Across all simulations, there are two consistent trends: asymmetries in the velocity maps are correlated in time with pericentric passages, and closer pericentric passages cause larger variations in the asymmetry.

Fig. 10 Comparison of the radial VR (left panels) and residual tangential $V_{\varphi }-\overline{V_{\varphi }}$ (right panels) velocity maps of the K6 simulation (top row), the K6 mock catalogue with Gaia DR3 observational errors and the selection function (middle row), and the residuals from the difference between the two maps (bottom row). All maps are shown in the LMC inplane (x', y') Cartesian coordinate system. Black contour lines separate the overdensities (bar and spiral arms) from the underdensities.

6 Improvement of LMC internal kinematics

In this section, we discuss how the asymmetry signal changes with improvements in the observational data. We applied the tool presented in Sect. 5.3 to the K6 simulation to obtain mock catalogues representative of Gaia DR4 and DR5 (Sect. 6.1), and the proposed GaiaNIR (Sect. 6.2).

6.1 Gaia DR4 and DR5

Using the mock catalogues, we can make further predictions of the ability of future Gaia data releases to capture the signatures of asymmetry in the LMC disc. We used the parallax uncertainty relation and applied the scaling factors listed in Table 1 from PyGaia (Brown et al. 2012) to compute the uncertainties in positions and proper motions of future Gaia data releases.

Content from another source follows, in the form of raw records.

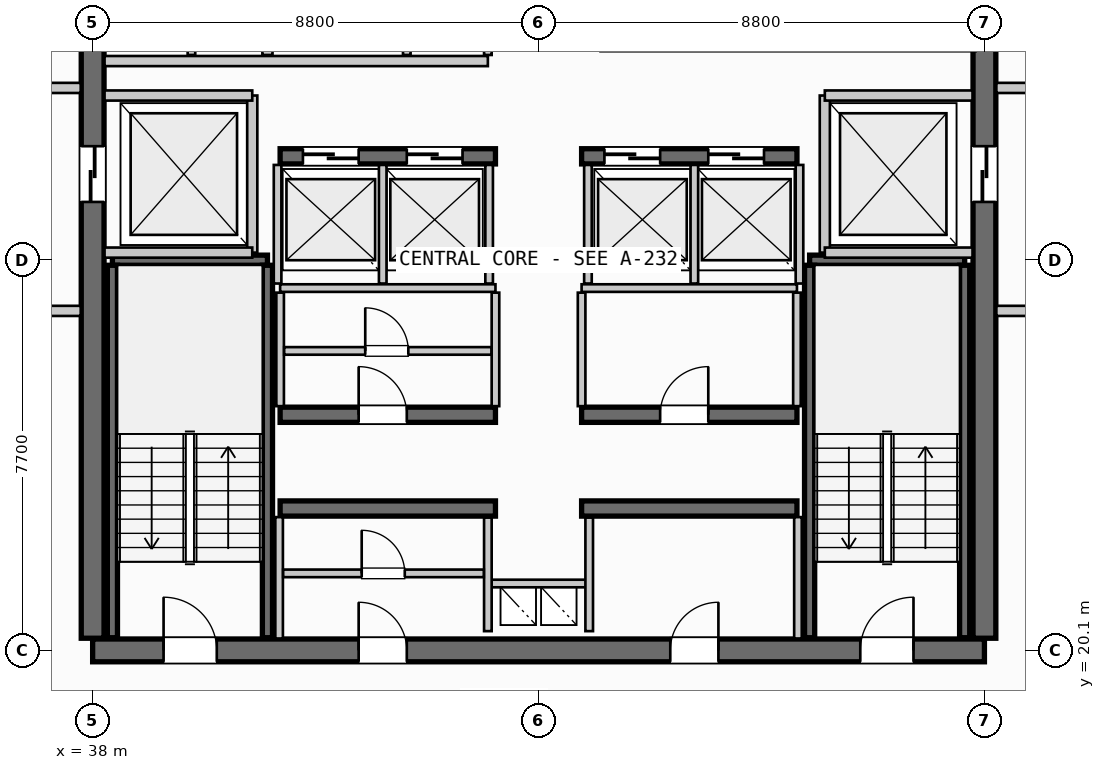
"""IFC4 building model, lengths in metres.
Left out: names, types, materials, properties, quantities, classifications, styles, units other than length and angle.
Written with IfcOpenShell. Run it as: python <this file> out.ifc"""

import sys

from ifc_helpers import new_model, si_unit, direction, frame, frame_2d, origin, place, context, subcontext, project, spatial, rectangle, extrude, source, transform, mapped, element, fill, save


model = new_model("IFC4")
c1 = context("Model", 3, precision=1e-05, world=origin(), true_north=direction((0.0, 1.0)))
c2 = subcontext(c1, "Body", "Model", "MODEL_VIEW")
j1 = project(units=[si_unit("LENGTHUNIT", "METRE"), si_unit("PLANEANGLEUNIT", "RADIAN")], contexts=[c1])
p1 = place(None, origin())
s1 = spatial("IfcSite", under=j1, at=p1, CompositionType="ELEMENT")
p2 = place(p1, origin())
s2 = spatial("IfcBuilding", under=s1, at=p2, CompositionType="ELEMENT")
p3 = place(p2, frame((0.0, 0.0, 235.3)))
s3 = spatial("IfcBuildingStorey", under=s2, at=p3, CompositionType="ELEMENT", Elevation=235.3)
p4 = place(p3, frame((38.0, 20.1, 0.0), z_axis=(0.0, 0.0, 1.0), x_axis=(1.0, 0.0, 0.0)))
e1 = element("IfcWall", 1, at=p4, inside=s3, PredefinedType="SHEAR", context=c2, shape_type="SweptSolid", body=[
    extrude(rectangle(XDim=17.6, YDim=0.45, at=frame_2d((8.8, 0.0))), origin(), (0.0, 0.0, 1.0), 3.21),
])
p5 = place(p4, frame((1.4, 0.0, 0.0)))
e2 = element("IfcOpeningElement", 2, at=p5, cuts=e1, PredefinedType="OPENING", context=c2, shape_type="SweptSolid", body=[
    extrude(rectangle(XDim=1.05, YDim=2.15, at=frame_2d((0.525, 1.075))), frame((0.0, 0.235, 0.0), z_axis=(0.0, -1.0, 0.0), x_axis=(1.0, 0.0, 0.0)), (0.0, 0.0, 1.0), 0.47),
])
p6 = place(p4, frame((15.15, 0.0, 0.0)))
e3 = element("IfcOpeningElement", 3, at=p6, cuts=e1, PredefinedType="OPENING", context=c2, shape_type="SweptSolid", body=[
    extrude(rectangle(XDim=1.05, YDim=2.15, at=frame_2d((0.525, 1.075))), frame((0.0, 0.235, 0.0), z_axis=(0.0, -1.0, 0.0), x_axis=(1.0, 0.0, 0.0)), (0.0, 0.0, 1.0), 0.47),
])
p7 = place(p4, frame((5.25, 0.0, 0.0)))
e4 = element("IfcOpeningElement", 4, at=p7, cuts=e1, PredefinedType="OPENING", context=c2, shape_type="SweptSolid", body=[
    extrude(rectangle(XDim=0.95, YDim=2.15, at=frame_2d((0.475, 1.075))), frame((0.0, 0.235, 0.0), z_axis=(0.0, -1.0, 0.0), x_axis=(1.0, 0.0, 0.0)), (0.0, 0.0, 1.0), 0.47),
])
p8 = place(p4, frame((11.4, 0.0, 0.0)))
e5 = element("IfcOpeningElement", 5, at=p8, cuts=e1, PredefinedType="OPENING", context=c2, shape_type="SweptSolid", body=[
    extrude(rectangle(XDim=0.95, YDim=2.15, at=frame_2d((0.475, 1.075))), frame((0.0, 0.235, 0.0), z_axis=(0.0, -1.0, 0.0), x_axis=(1.0, 0.0, 0.0)), (0.0, 0.0, 1.0), 0.47),
])
p9 = place(p3, frame((38.0, 35.26, 0.0), z_axis=(0.0, 0.0, 1.0), x_axis=(0.0, -1.0, 0.0)))
e6 = element("IfcWall", 6, at=p9, inside=s3, PredefinedType="SHEAR", context=c2, shape_type="SweptSolid", body=[
    extrude(rectangle(XDim=14.92, YDim=0.45, at=frame_2d((7.46, 0.0))), origin(), (0.0, 0.0, 1.0), 3.21),
])
p10 = place(p9, frame((5.21, 0.0, 0.0)))
e7 = element("IfcOpeningElement", 7, at=p10, cuts=e6, PredefinedType="OPENING", context=c2, shape_type="SweptSolid", body=[
    extrude(rectangle(XDim=1.1, YDim=2.2, at=frame_2d((0.55, 1.1))), frame((0.0, 0.235, 0.0), z_axis=(0.0, -1.0, 0.0), x_axis=(1.0, 0.0, 0.0)), (0.0, 0.0, 1.0), 0.47),
])
p11 = place(p3, frame((55.6, 20.34, 0.0), z_axis=(0.0, 0.0, 1.0), x_axis=(0.0, 1.0, 0.0)))
e8 = element("IfcWall", 8, at=p11, inside=s3, PredefinedType="SHEAR", context=c2, shape_type="SweptSolid", body=[
    extrude(rectangle(XDim=14.92, YDim=0.45, at=frame_2d((7.46, 0.0))), origin(), (0.0, 0.0, 1.0), 3.21),
])
p12 = place(p11, frame((12.71, 0.0, 0.0)))
e9 = element("IfcOpeningElement", 9, at=p12, cuts=e8, PredefinedType="OPENING", context=c2, shape_type="SweptSolid", body=[
    extrude(rectangle(XDim=1.05, YDim=2.15, at=frame_2d((0.525, 1.075))), frame((0.0, 0.235, 0.0), z_axis=(0.0, -1.0, 0.0), x_axis=(1.0, 0.0, 0.0)), (0.0, 0.0, 1.0), 0.47),
])
p13 = place(p11, frame((8.61, 0.0, 0.0)))
e10 = element("IfcOpeningElement", 10, at=p13, cuts=e8, PredefinedType="OPENING", context=c2, shape_type="SweptSolid", body=[
    extrude(rectangle(XDim=1.1, YDim=2.2, at=frame_2d((0.55, 1.1))), frame((0.0, 0.235, 0.0), z_axis=(0.0, -1.0, 0.0), x_axis=(1.0, 0.0, 0.0)), (0.0, 0.0, 1.0), 0.47),
])
for number, where, z_axis, x_axis in (
    (11, (41.7, 22.9, 0.0), (0.0, 0.0, 1.0), (1.0, 0.0, 0.0)),
    (12, (47.65, 22.9, 0.0), (0.0, 0.0, 1.0), (1.0, 0.0, 0.0)),
):
    element("IfcWall", number, at=place(p3, frame(where, z_axis=z_axis, x_axis=x_axis)), inside=s3, PredefinedType="SHEAR", context=c2, shape_type="SweptSolid", body=[
        extrude(rectangle(XDim=4.25, YDim=0.3, at=frame_2d((2.125, 0.0))), origin(), (0.0, 0.0, 1.0), 3.21),
    ])
p14 = place(p3, frame((41.7, 24.75, 0.0), z_axis=(0.0, 0.0, 1.0), x_axis=(1.0, 0.0, 0.0)))
e13 = element("IfcWall", 13, at=p14, inside=s3, PredefinedType="SHEAR", context=c2, shape_type="SweptSolid", body=[
    extrude(rectangle(XDim=4.25, YDim=0.3, at=frame_2d((2.125, 0.0))), origin(), (0.0, 0.0, 1.0), 3.21),
])
p15 = place(p14, frame((1.55, 0.0, 0.0)))
e14 = element("IfcOpeningElement", 14, at=p15, cuts=e13, PredefinedType="OPENING", context=c2, shape_type="SweptSolid", body=[
    extrude(rectangle(XDim=0.95, YDim=2.15, at=frame_2d((0.475, 1.075))), frame((0.0, 0.16, 0.0), z_axis=(0.0, -1.0, 0.0), x_axis=(1.0, 0.0, 0.0)), (0.0, 0.0, 1.0), 0.32),
])
p16 = place(p3, frame((47.65, 24.75, 0.0), z_axis=(0.0, 0.0, 1.0), x_axis=(1.0, 0.0, 0.0)))
e15 = element("IfcWall", 15, at=p16, inside=s3, PredefinedType="SHEAR", context=c2, shape_type="SweptSolid", body=[
    extrude(rectangle(XDim=4.25, YDim=0.3, at=frame_2d((2.125, 0.0))), origin(), (0.0, 0.0, 1.0), 3.21),
])
p17 = place(p16, frame((1.55, 0.0, 0.0)))
e16 = element("IfcOpeningElement", 16, at=p17, cuts=e15, PredefinedType="OPENING", context=c2, shape_type="SweptSolid", body=[
    extrude(rectangle(XDim=0.95, YDim=2.15, at=frame_2d((0.475, 1.075))), frame((0.0, 0.16, 0.0), z_axis=(0.0, -1.0, 0.0), x_axis=(1.0, 0.0, 0.0)), (0.0, 0.0, 1.0), 0.32),
])
p18 = place(p3, frame((41.7, 29.85, 0.0), z_axis=(0.0, 0.0, 1.0), x_axis=(1.0, 0.0, 0.0)))
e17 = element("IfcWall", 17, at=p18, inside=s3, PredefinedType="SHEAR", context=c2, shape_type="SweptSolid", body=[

Although the uncertainties of Gaia DR4 and DR5 will be significantly reduced, the velocity maps of the mock catalogues do not show large differences (top rows of Fig. 12). In particular, the bar signature in the centre remains virtually unchanged, although sharper than in DR3 (Fig. 10). We can conclude that the asymmetric features in the velocity maps are not simply a result of the large uncertainties in the Gaia DR3 data, because lower uncertainties reveal the same asymmetries. However, we expect to resolve more details about the disc outskirts in future Gaia data releases.

Fig. 11 Bar asymmetry evolution (left two columns) and outer disc asymmetry evolution (right two columns), shown with cubic spline fits for all KRATOS simulations that include the full GMW–GLMC–GSMC interaction. Models are grouped together if they share pericentric passages between GLMC–GSMC (vertical dashed blue lines) at the same timestamps. The bar asymmetry evolution is measured in mean radial velocity, 〈VR〉 (left-most panels), and mean residual tangential velocity, $⟨V_{\varphi }-\overline{V_{\varphi }}⟩$ (centre-left panels). Data is shown only after the first 1.25 Ga, when the disc is relaxed. It is presented with a solid line when a bar is formed (relative m = 2 Fourier amplitude Σ2/Σ0 > 0.2), and with a transparent line when there is no bar. The outer disc asymmetry evolution is represented by the extrema in the mean radial velocities, EXT〈VR〉 (centre-right panels), and extrema in the mean residual tangential velocities, EXT$⟨V_{\varphi }-\overline{V_{\varphi }}⟩$ (right-most panels). In all panels, the horizontal black lines mark zero asymmetry and the Gaia asymmetries are shown with horizontal purple lines.

6.2 GaiaNIR

While Gaia observations are limited to the visible spectra, a planned follow-up astrometric mission will extend the wavelength range into the near-infrared (NIR, Hobbs et al. 2021; Hobbs et al. in prep.). The GaiaNIR mission is aimed at exploring dust-obscured regions of the MW, including the bulge, spiral arms, and other star-forming regions. The all-sky observations will naturally include a large sample of LMC stars, particularly dimmer stars due to the depth of anticipated GaiaNIR observations. Using the predicted uncertainties of the GaiaNIR mission from Hobbs et al. (in prep.), we can evaluate the applications of GaiaNIR data to our science goals and discuss the resulting advances in the study of LMC kinematics.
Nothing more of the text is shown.